I would like to think I am probably one of the lamest people around. No, seriously. I think my life is rather average, nothing really exciting going on right now, pretty routine. Now do I like that? Absolutely NOT!! So ready for a change of pace, something to shake things up. So I decided to see if I can come up with 25 interesting things about me. Here goes.

1. I was born in a car. Yes, I was born in a Buick La Sabre on a hot summer day in June. My godmother, Frances Washington delivered my in the back of the car, which is why my name is Frances instead of Tamika. Kinda glad too.

2. I love burnt popcorn. I don’t know if that is interesting or not but I think it’s one of those quirky things people tend to keep to themselves. Whenever I make microwaved popcorn, I purposefully leave it in too long and I always have to run outside to open the bag so the house doesn’t smell.

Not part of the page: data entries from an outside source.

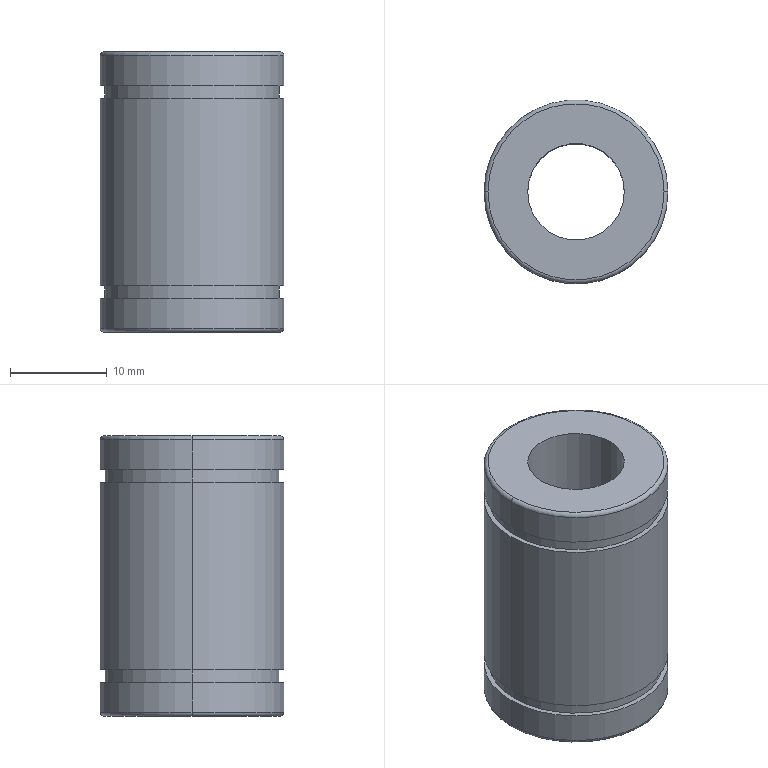Component | SolidWorks | LMU_N10-10 | 1 solid | 22 faces | box 19 x 19 x 29 mm | volume 5865 mm3 | cylinder 12 | plane 6 | torus 4 | commonest cylinder face diameters 19 x6 18 x4 10 x2
build123d program:
from build123d import *


with BuildPart() as part:
    # Sketch1 → Revolve1 (revolve)
    with BuildSketch(Plane.XY, mode=Mode.PRIVATE) as revolve1_sk:
        with BuildLine():
            Line((0, 9.1), (0, 5))
            Line((0, 5), (29, 5))
            Line((29, 5), (29, 9.1))
            ThreePointArc((29, 9.1), (28.883, 9.383), (28.6, 9.5))
            Line((28.6, 9.5), (25.5, 9.5))
            Line((25.5, 9.5), (25.5, 9))
            Line((25.5, 9), (24.2, 9))
            Line((24.2, 9), (24.2, 9.5))
            Line((24.2, 9.5), (4.8, 9.5))
            Line((4.8, 9.5), (4.8, 9))
            Line((4.8, 9), (3.5, 9))
            Line((3.5, 9), (3.5, 9.5))
            Line((3.5, 9.5), (0.4, 9.5))
            ThreePointArc((0.4, 9.5), (0.1172, 9.383), (0, 9.1))
        make_face()
    revolve(revolve1_sk.sketch.rotate(Axis((29, 0, 0), (-1, 0, 0)), 270), axis=Axis((29, 0, 0), (-1, 0, 0)))


solid = part.part

# Placed as in the assembly
solid = solid.moved(Location((860.265, 384.385, -295.193), (0, 90, 0)))
STEP:
#1=COLOUR_RGB('',0.7922,0.8196,0.9333);
#2=FILL_AREA_STYLE_COLOUR('',#1);
#3=FILL_AREA_STYLE('',(#2));
#4=SURFACE_STYLE_FILL_AREA(#3);
#5=SURFACE_SIDE_STYLE('',(#4));
#6=SURFACE_STYLE_USAGE(.BOTH.,#5);
#7=PRESENTATION_STYLE_ASSIGNMENT((#6));
#8=CARTESIAN_POINT('',(33.495,15.133,-12.626));
#9=VERTEX_POINT('',#8);
#10=CARTESIAN_POINT('',(34.243,15.133,-12.626));
#11=VERTEX_POINT('',#10);
#12=CARTESIAN_POINT('',(33.869,15.133,-12.626));
#13=DIRECTION('',(-0.00002551,-0.,-1.));
#14=DIRECTION('',(-1.,0.,0.00002551));
#15=AXIS2_PLACEMENT_3D('',#12,#13,#14);
#16=CIRCLE('',#15,0.374);
#17=EDGE_CURVE('',#9,#11,#16,.T.);
#18=ORIENTED_EDGE('',*,*,#17,.T.);
#19=CARTESIAN_POINT('',(34.243,15.133,-12.748));
#20=VERTEX_POINT('',#19);
#21=CARTESIAN_POINT('',(34.243,15.133,-11.622));
#22=DIRECTION('',(-0.00002551,-0.,-1.));
#23=VECTOR('',#22,39.37);
#24=LINE('',#21,#23);
#25=EDGE_CURVE('',#11,#20,#24,.T.);
#26=ORIENTED_EDGE('',*,*,#25,.T.);
#27=CARTESIAN_POINT('',(33.495,15.133,-12.748));
#28=VERTEX_POINT('',#27);
#29=CARTESIAN_POINT('',(33.869,15.133,-12.748));
#30=DIRECTION('',(-0.00002551,-0.,-1.));
#31=DIRECTION('',(-1.,0.,0.00002551));
#32=AXIS2_PLACEMENT_3D('',#29,#30,#31);
#33=CIRCLE('',#32,0.374);
#34=EDGE_CURVE('',#28,#20,#33,.T.);
#35=ORIENTED_EDGE('',*,*,#34,.F.);
#36=CARTESIAN_POINT('',(33.495,15.133,-11.622));
#37=DIRECTION('',(-0.00002551,-0.,-1.));
#38=VECTOR('',#37,39.37);
#39=LINE('',#36,#38);
#40=EDGE_CURVE('',#9,#28,#39,.T.);
#41=ORIENTED_EDGE('',*,*,#40,.F.);
#42=EDGE_LOOP('',(#18,#26,#35,#41));
#43=FACE_OUTER_BOUND('',#42,.T.);
#44=CARTESIAN_POINT('',(33.869,15.133,-11.622));
#45=DIRECTION('',(-0.00002551,-0.,-1.));
#46=DIRECTION('',(-1.,0.,0.00002551));
#47=AXIS2_PLACEMENT_3D('',#44,#45,#46);
#48=CYLINDRICAL_SURFACE('',#47,0.374);
#49=ADVANCED_FACE('',(#43),#48,.T.);
#50=CARTESIAN_POINT('',(33.514,15.133,-12.575));
#51=VERTEX_POINT('',#50);
#52=CARTESIAN_POINT('',(34.223,15.133,-12.575));
#53=VERTEX_POINT('',#52);
#54=CARTESIAN_POINT('',(33.869,15.133,-12.575));
#55=DIRECTION('',(-0.00002551,-0.,-1.));
#56=DIRECTION('',(-1.,0.,0.00002551));
#57=AXIS2_PLACEMENT_3D('',#54,#55,#56);
#58=CIRCLE('',#57,0.3543);
#59=EDGE_CURVE('',#51,#53,#58,.T.);
#60=ORIENTED_EDGE('',*,*,#59,.T.);
#61=CARTESIAN_POINT('',(34.223,15.133,-12.626));
#62=VERTEX_POINT('',#61);
#63=CARTESIAN_POINT('',(34.223,15.133,-11.622));
#64=DIRECTION('',(-0.00002551,-0.,-1.));
#65=VECTOR('',#64,39.37);
#66=LINE('',#63,#65);
#67=EDGE_CURVE('',#53,#62,#66,.T.);
#68=ORIENTED_EDGE('',*,*,#67,.T.);
#69=CARTESIAN_POINT('',(33.514,15.133,-12.626));
#70=VERTEX_POINT('',#69);
#71=CARTESIAN_POINT('',(33.869,15.133,-12.626));
#72=DIRECTION('',(-0.00002551,-0.,-1.));
#73=DIRECTION('',(-1.,0.,0.00002551));
#74=AXIS2_PLACEMENT_3D('',#71,#72,#73);
#75=CIRCLE('',#74,0.3543);
#76=EDGE_CURVE('',#70,#62,#75,.T.);
#77=ORIENTED_EDGE('',*,*,#76,.F.);
#78=CARTESIAN_POINT('',(33.514,15.133,-11.622));
#79=DIRECTION('',(-0.00002551,-0.,-1.));
#80=VECTOR('',#79,39.37);
#81=LINE('',#78,#80);
#82=EDGE_CURVE('',#51,#70,#81,.T.);
#83=ORIENTED_EDGE('',*,*,#82,.F.);
#84=EDGE_LOOP('',(#60,#68,#77,#83));
#85=FACE_OUTER_BOUND('',#84,.T.);
#86=CARTESIAN_POINT('',(33.869,15.133,-11.622));
#87=DIRECTION('',(-0.00002551,-0.,-1.));
#88=DIRECTION('',(-1.,0.,0.00002551));
#89=AXIS2_PLACEMENT_3D('',#86,#87,#88);
#90=CYLINDRICAL_SURFACE('',#89,0.3543);
#91=ADVANCED_FACE('',(#85),#90,.T.);
#92=CARTESIAN_POINT('',(33.495,15.133,-11.811));
#93=VERTEX_POINT('',#92);
#94=CARTESIAN_POINT('',(34.243,15.133,-11.811));
#95=VERTEX_POINT('',#94);
#96=CARTESIAN_POINT('',(33.869,15.133,-11.811));
#97=DIRECTION('',(-0.00002551,-0.,-1.));
#98=DIRECTION('',(-1.,0.,0.00002551));
#99=AXIS2_PLACEMENT_3D('',#96,#97,#98);
#100=CIRCLE('',#99,0.374);
#101=EDGE_CURVE('',#93,#95,#100,.T.);
#102=ORIENTED_EDGE('',*,*,#101,.T.);
#103=CARTESIAN_POINT('',(34.243,15.133,-12.575));
#104=VERTEX_POINT('',#103);
#105=CARTESIAN_POINT('',(34.243,15.133,-11.622));
#106=DIRECTION('',(-0.00002551,-0.,-1.));
#107=VECTOR('',#106,39.37);
#108=LINE('',#105,#107);
#109=EDGE_CURVE('',#95,#104,#108,.T.);
#110=ORIENTED_EDGE('',*,*,#109,.T.);
#111=CARTESIAN_POINT('',(33.495,15.133,-12.575));
#112=VERTEX_POINT('',#111);
#113=CARTESIAN_POINT('',(33.869,15.133,-12.575));
#114=DIRECTION('',(-0.00002551,-0.,-1.));
#115=DIRECTION('',(-1.,0.,0.00002551));
#116=AXIS2_PLACEMENT_3D('',#113,#114,#115);
#117=CIRCLE('',#116,0.374);
#118=EDGE_CURVE('',#112,#104,#117,.T.);
#119=ORIENTED_EDGE('',*,*,#118,.F.);
#120=CARTESIAN_POINT('',(33.495,15.133,-11.622));
#121=DIRECTION('',(-0.00002551,-0.,-1.));
#122=VECTOR('',#121,39.37);
#123=LINE('',#120,#122);
#124=EDGE_CURVE('',#93,#112,#123,.T.);
#125=ORIENTED_EDGE('',*,*,#124,.F.);
#126=EDGE_LOOP('',(#102,#110,#119,#125));
#127=FACE_OUTER_BOUND('',#126,.T.);
#128=CARTESIAN_POINT('',(33.869,15.133,-11.622));
#129=DIRECTION('',(-0.00002551,-0.,-1.));
#130=DIRECTION('',(-1.,0.,0.00002551));
#131=AXIS2_PLACEMENT_3D('',#128,#129,#130);
#132=CYLINDRICAL_SURFACE('',#131,0.374);
#133=ADVANCED_FACE('',(#127),#132,.T.);
#134=CARTESIAN_POINT('',(33.514,15.133,-11.76));
#135=VERTEX_POINT('',#134);
#136=CARTESIAN_POINT('',(34.223,15.133,-11.76));
#137=VERTEX_POINT('',#136);
#138=CARTESIAN_POINT('',(33.869,15.133,-11.76));
#139=DIRECTION('',(-0.00002551,-0.,-1.));
#140=DIRECTION('',(-1.,0.,0.00002551));
#141=AXIS2_PLACEMENT_3D('',#138,#139,#140);
#142=CIRCLE('',#141,0.3543);
#143=EDGE_CURVE('',#135,#137,#142,.T.);
#144=ORIENTED_EDGE('',*,*,#143,.T.);
#145=CARTESIAN_POINT('',(34.223,15.133,-11.811));
#146=VERTEX_POINT('',#145);
#147=CARTESIAN_POINT('',(34.223,15.133,-11.622));
#148=DIRECTION('',(-0.00002551,-0.,-1.));
#149=VECTOR('',#148,39.37);
#150=LINE('',#147,#149);
#151=EDGE_CURVE('',#137,#146,#150,.T.);
#152=ORIENTED_EDGE('',*,*,#151,.T.);
#153=CARTESIAN_POINT('',(33.514,15.133,-11.811));
#154=VERTEX_POINT('',#153);
#155=CARTESIAN_POINT('',(33.869,15.133,-11.811));
#156=DIRECTION('',(-0.00002551,-0.,-1.));
#157=DIRECTION('',(-1.,0.,0.00002551));
#158=AXIS2_PLACEMENT_3D('',#155,#156,#157);
#159=CIRCLE('',#158,0.3543);
#160=EDGE_CURVE('',#154,#146,#159,.T.);
#161=ORIENTED_EDGE('',*,*,#160,.F.);
#162=CARTESIAN_POINT('',(33.514,15.133,-11.622));
#163=DIRECTION('',(-0.00002551,-0.,-1.));
#164=VECTOR('',#163,39.37);
#165=LINE('',#162,#164);
#166=EDGE_CURVE('',#135,#154,#165,.T.);
#167=ORIENTED_EDGE('',*,*,#166,.F.);
#168=EDGE_LOOP('',(#144,#152,#161,#167));
#169=FACE_OUTER_BOUND('',#168,.T.);
#170=CARTESIAN_POINT('',(33.869,15.133,-11.622));
#171=DIRECTION('',(-0.00002551,-0.,-1.));
#172=DIRECTION('',(-1.,0.,0.00002551));
#173=AXIS2_PLACEMENT_3D('',#170,#171,#172);
#174=CYLINDRICAL_SURFACE('',#173,0.3543);
#175=ADVANCED_FACE('',(#169),#174,.T.);
#176=CARTESIAN_POINT('',(33.495,15.133,-11.638));
#177=VERTEX_POINT('',#176);
#178=CARTESIAN_POINT('',(34.243,15.133,-11.638));
#179=VERTEX_POINT('',#178);
#180=CARTESIAN_POINT('',(33.869,15.133,-11.638));
#181=DIRECTION('',(-0.00002551,-0.,-1.));
#182=DIRECTION('',(-1.,0.,0.00002551));
#183=AXIS2_PLACEMENT_3D('',#180,#181,#182);
#184=CIRCLE('',#183,0.374);
#185=EDGE_CURVE('',#177,#179,#184,.T.);
#186=ORIENTED_EDGE('',*,*,#185,.T.);
#187=CARTESIAN_POINT('',(34.243,15.133,-11.76));
#188=VERTEX_POINT('',#187);
#189=CARTESIAN_POINT('',(34.243,15.133,-11.622));
#190=DIRECTION('',(-0.00002551,-0.,-1.));
#191=VECTOR('',#190,39.37);
#192=LINE('',#189,#191);
#193=EDGE_CURVE('',#179,#188,#192,.T.);
#194=ORIENTED_EDGE('',*,*,#193,.T.);
#195=CARTESIAN_POINT('',(33.495,15.133,-11.76));
#196=VERTEX_POINT('',#195);
#197=CARTESIAN_POINT('',(33.869,15.133,-11.76));
#198=DIRECTION('',(-0.00002551,-0.,-1.));
#199=DIRECTION('',(-1.,0.,0.00002551));
#200=AXIS2_PLACEMENT_3D('',#197,#198,#199);
#201=CIRCLE('',#200,0.374);
#202=EDGE_CURVE('',#196,#188,#201,.T.);
#203=ORIENTED_EDGE('',*,*,#202,.F.);
#204=CARTESIAN_POINT('',(33.495,15.133,-11.622));
#205=DIRECTION('',(-0.00002551,-0.,-1.));
#206=VECTOR('',#205,39.37);
#207=LINE('',#204,#206);
#208=EDGE_CURVE('',#177,#196,#207,.T.);
#209=ORIENTED_EDGE('',*,*,#208,.F.);
#210=EDGE_LOOP('',(#186,#194,#203,#209));
#211=FACE_OUTER_BOUND('',#210,.T.);
#212=CARTESIAN_POINT('',(33.869,15.133,-11.622));
#213=DIRECTION('',(-0.00002551,-0.,-1.));
#214=DIRECTION('',(-1.,0.,0.00002551));
#215=AXIS2_PLACEMENT_3D('',#212,#213,#214);
#216=CYLINDRICAL_SURFACE('',#215,0.374);
#217=ADVANCED_FACE('',(#211),#216,.T.);
#218=CARTESIAN_POINT('',(33.51,15.133,-11.622));
#219=VERTEX_POINT('',#218);
#220=CARTESIAN_POINT('',(34.227,15.133,-11.622));
#221=VERTEX_POINT('',#220);
#222=CARTESIAN_POINT('',(33.869,15.133,-11.622));
#223=DIRECTION('',(-0.00002551,-0.,-1.));
#224=DIRECTION('',(-1.,0.,0.00002551));
#225=AXIS2_PLACEMENT_3D('',#222,#223,#224);
#226=CIRCLE('',#225,0.3583);
#227=EDGE_CURVE('',#219,#221,#226,.T.);
#228=ORIENTED_EDGE('',*,*,#227,.T.);
#229=CARTESIAN_POINT('',(34.227,15.133,-11.638));
#230=DIRECTION('',(-0.,1.,-0.));
#231=DIRECTION('',(-1.,0.,0.));
#232=AXIS2_PLACEMENT_3D('',#229,#230,#231);
#233=CIRCLE('',#232,0.01575);
#234=EDGE_CURVE('',#221,#179,#233,.T.);
#235=ORIENTED_EDGE('',*,*,#234,.T.);
#236=ORIENTED_EDGE('',*,*,#185,.F.);
#237=CARTESIAN_POINT('',(33.51,15.133,-11.638));
#238=DIRECTION('',(0.,-1.,0.));
#239=DIRECTION('',(1.,0.,0.));
#240=AXIS2_PLACEMENT_3D('',#237,#238,#239);
#241=CIRCLE('',#240,0.01575);
#242=EDGE_CURVE('',#219,#177,#241,.T.);
#243=ORIENTED_EDGE('',*,*,#242,.F.);
#244=EDGE_LOOP('',(#228,#235,#236,#243));
#245=FACE_OUTER_BOUND('',#244,.T.);
#246=CARTESIAN_POINT('',(33.869,15.133,-11.638));
#247=DIRECTION('',(-0.00002551,-0.,-1.));
#248=DIRECTION('',(-1.,-0.,0.00002551));
#249=AXIS2_PLACEMENT_3D('',#246,#247,#248);
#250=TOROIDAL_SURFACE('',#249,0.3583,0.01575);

3. I am a parent who feels rather clueless some days about being a parent. I don’t think I am a bad parent, but I am to the point where I can admit, I don’t have all the answers and I don’t always know what I am doing. Most days, I hope the kids get through the day in one piece.

4. I absolutely love Jesus. I guess this should be first but I am just going off the top of my head. I often feel pretty new to being a true follower of Christ and still feel rather wet behind the ears. My small group leader gave me the biggest boost of confidence when she suggested I be a mentor next year. Guess I am maturing in the Spirit after all.

5. I don’t always trust God. Right now, me and God are not really on the best speaking terms. I’m not mad at Him and He definitely isn’t mad at me. I’m just having a tough time really trusting Him to be my all. Totally my own hang up and I am working through it.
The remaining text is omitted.